A Comparison between Support Vector Machine based on Kmeans Clustering (SVM-Kmeans) and Support Vector Machine based on Recursive Feature Elimination (SVM-RFE) for Breast Cancer Diagnosis

Keywords: [Support Vector Machine (SVM)], [Recursive Feature Elimination(RFE)], [K-means Clustering] , [Chi-square] , [feature selection] , [Breast Cancer Diagnosis]


In this work, we emulate an architecture that combines the SVM classifier with the Kmeans clustering algorithm (SVM-KMEANS) and the method that uses SVM with Recursive Features Elimination (SVM-RFE), for breast cancer diagnosis.
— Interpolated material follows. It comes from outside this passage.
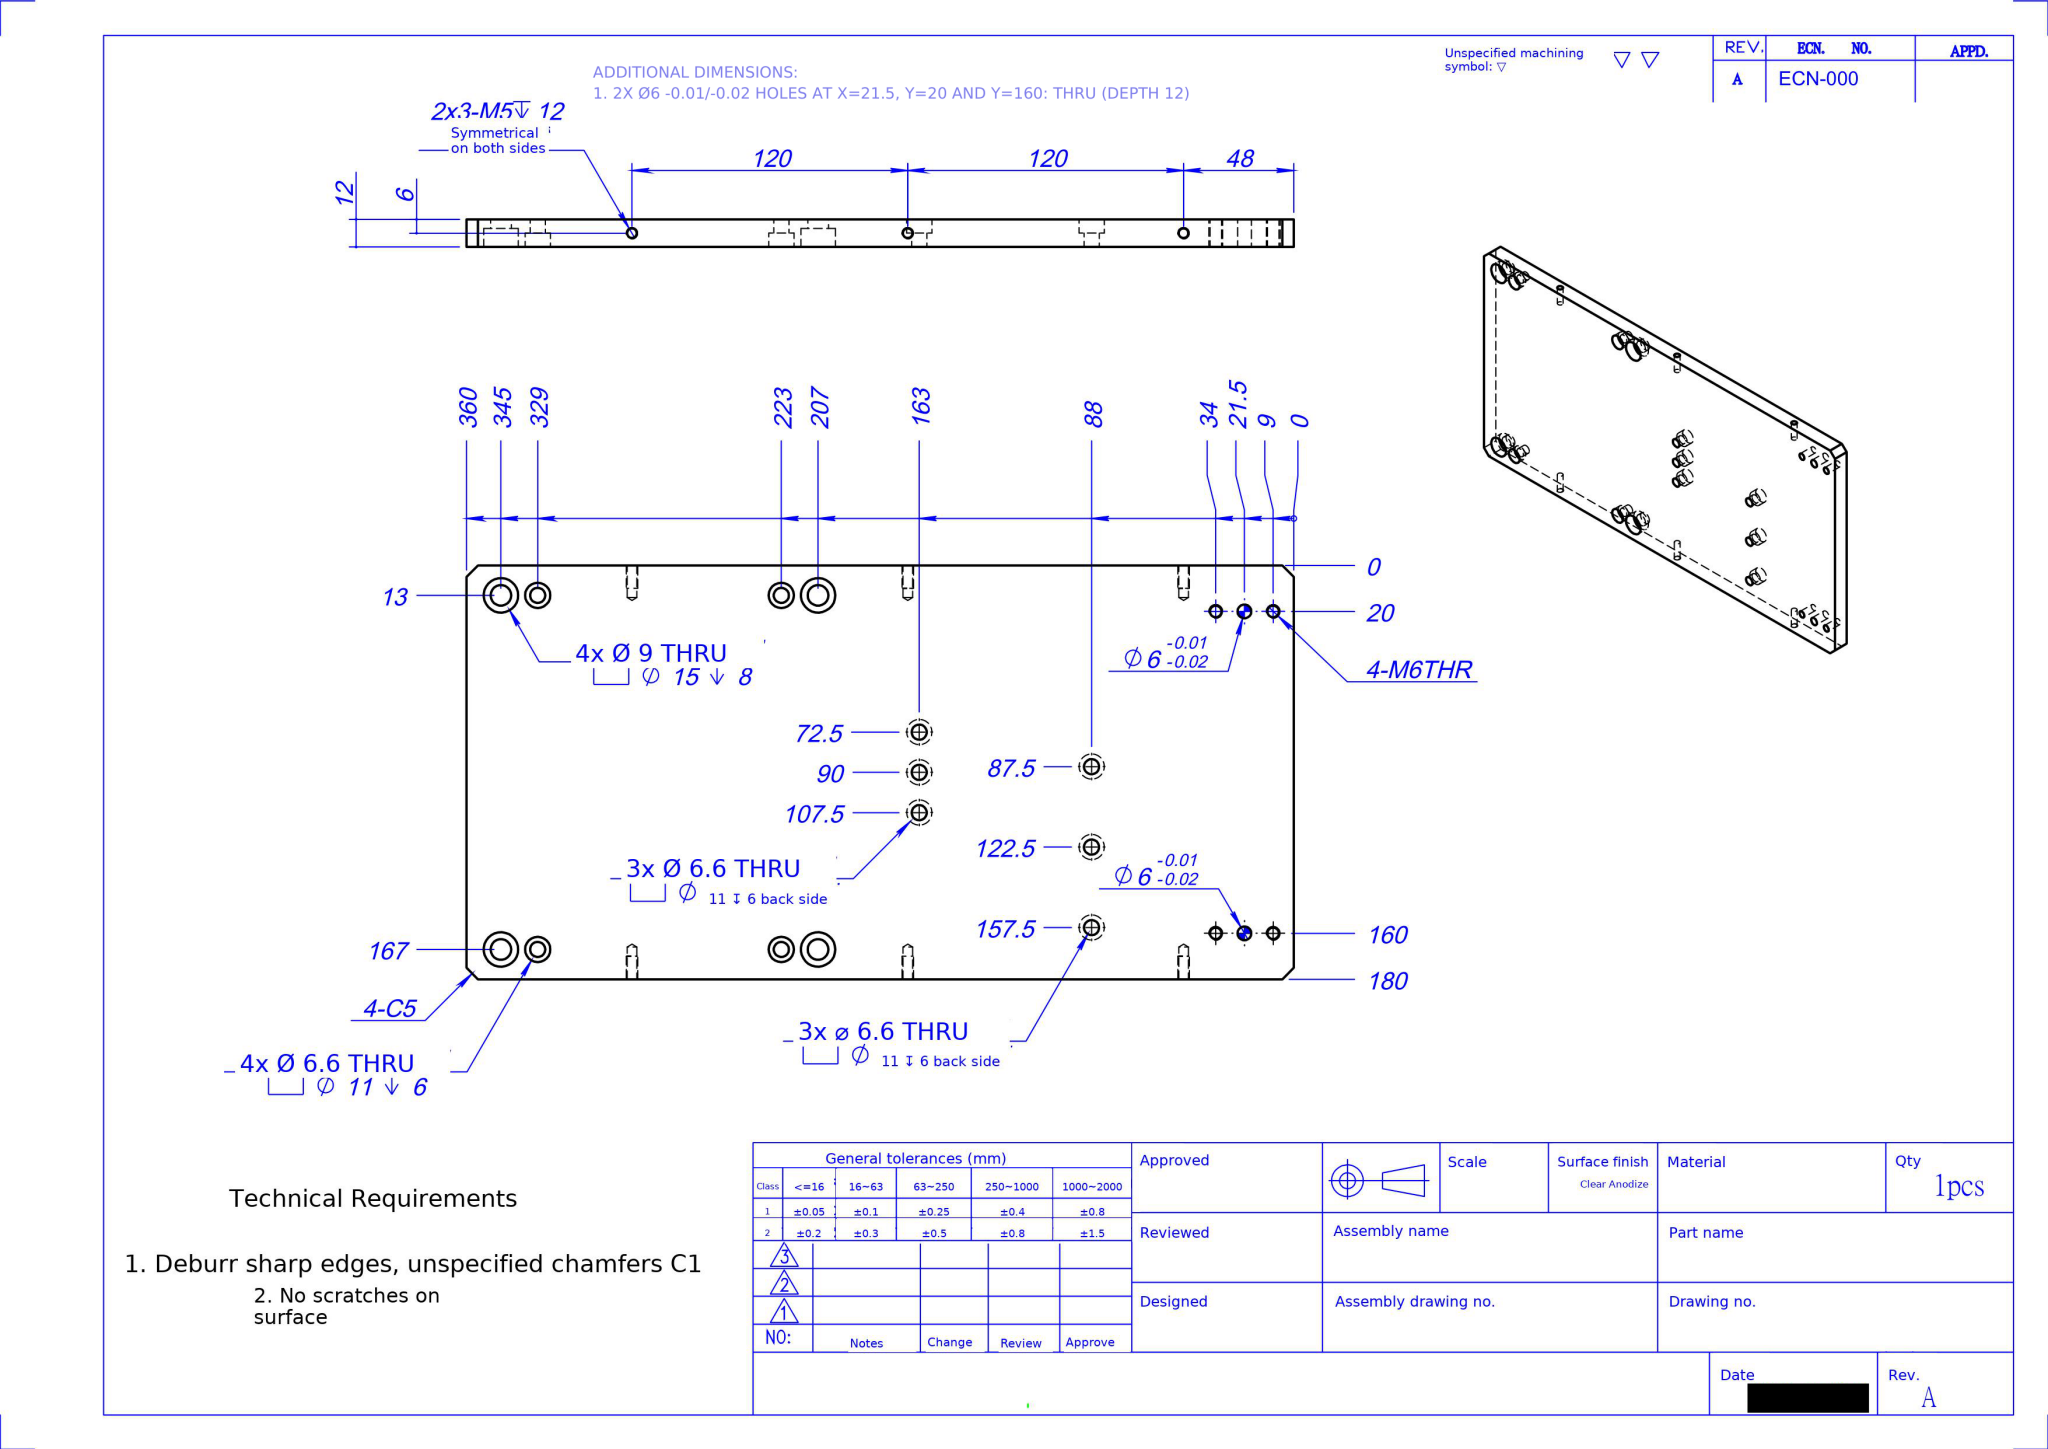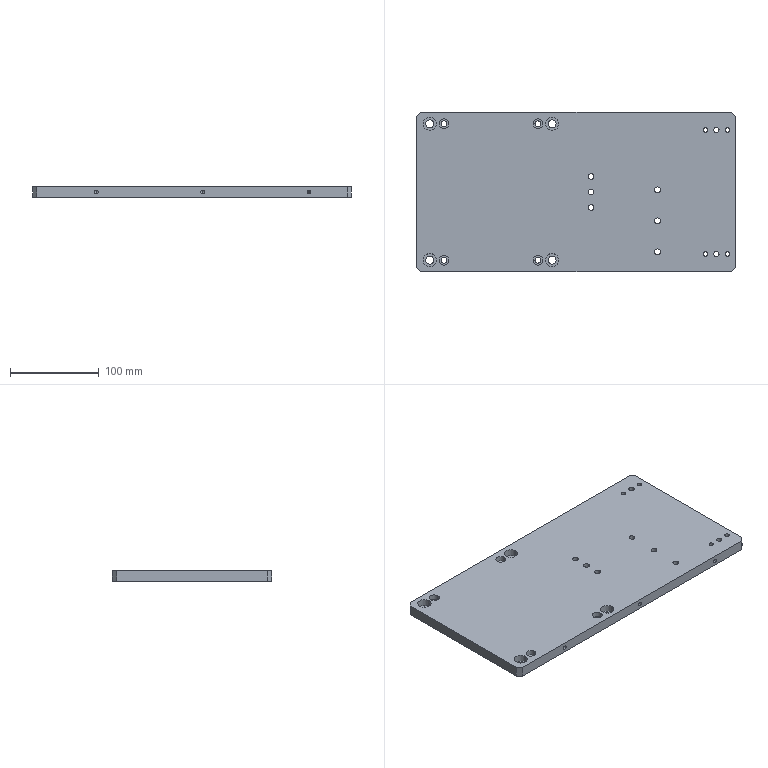Part | NX | mm | 1 solid | 116 faces | box 360 x 180 x 12 mm | volume 759753 mm3 | cylinder 80 | plane 24 | cone 12 | commonest cylinder face diameters 6.6 x20 11 x20 4.2 x12 5 x8 9 x8 15 x8 6 x4

Both works were compared to assess the accuracy, taking two datasets for breast cancer: Breast Cancer Wisconsin Diagnostic dataset (WDBC), and Wisconsin Prognosis Breast Cancer (WPBC), obtained from UCI machine learning repository.

Taking into account only the WDBC dataset, it is observed that the method SVM-KMEANS, reaches the maximum level of accuracy (98.25%) with only 4 best features, while the method SVM-RFE reaches the same level of accuracy with 30 features. It is concluded that the SVM-KMEANS method is better than the SVM-RFE method.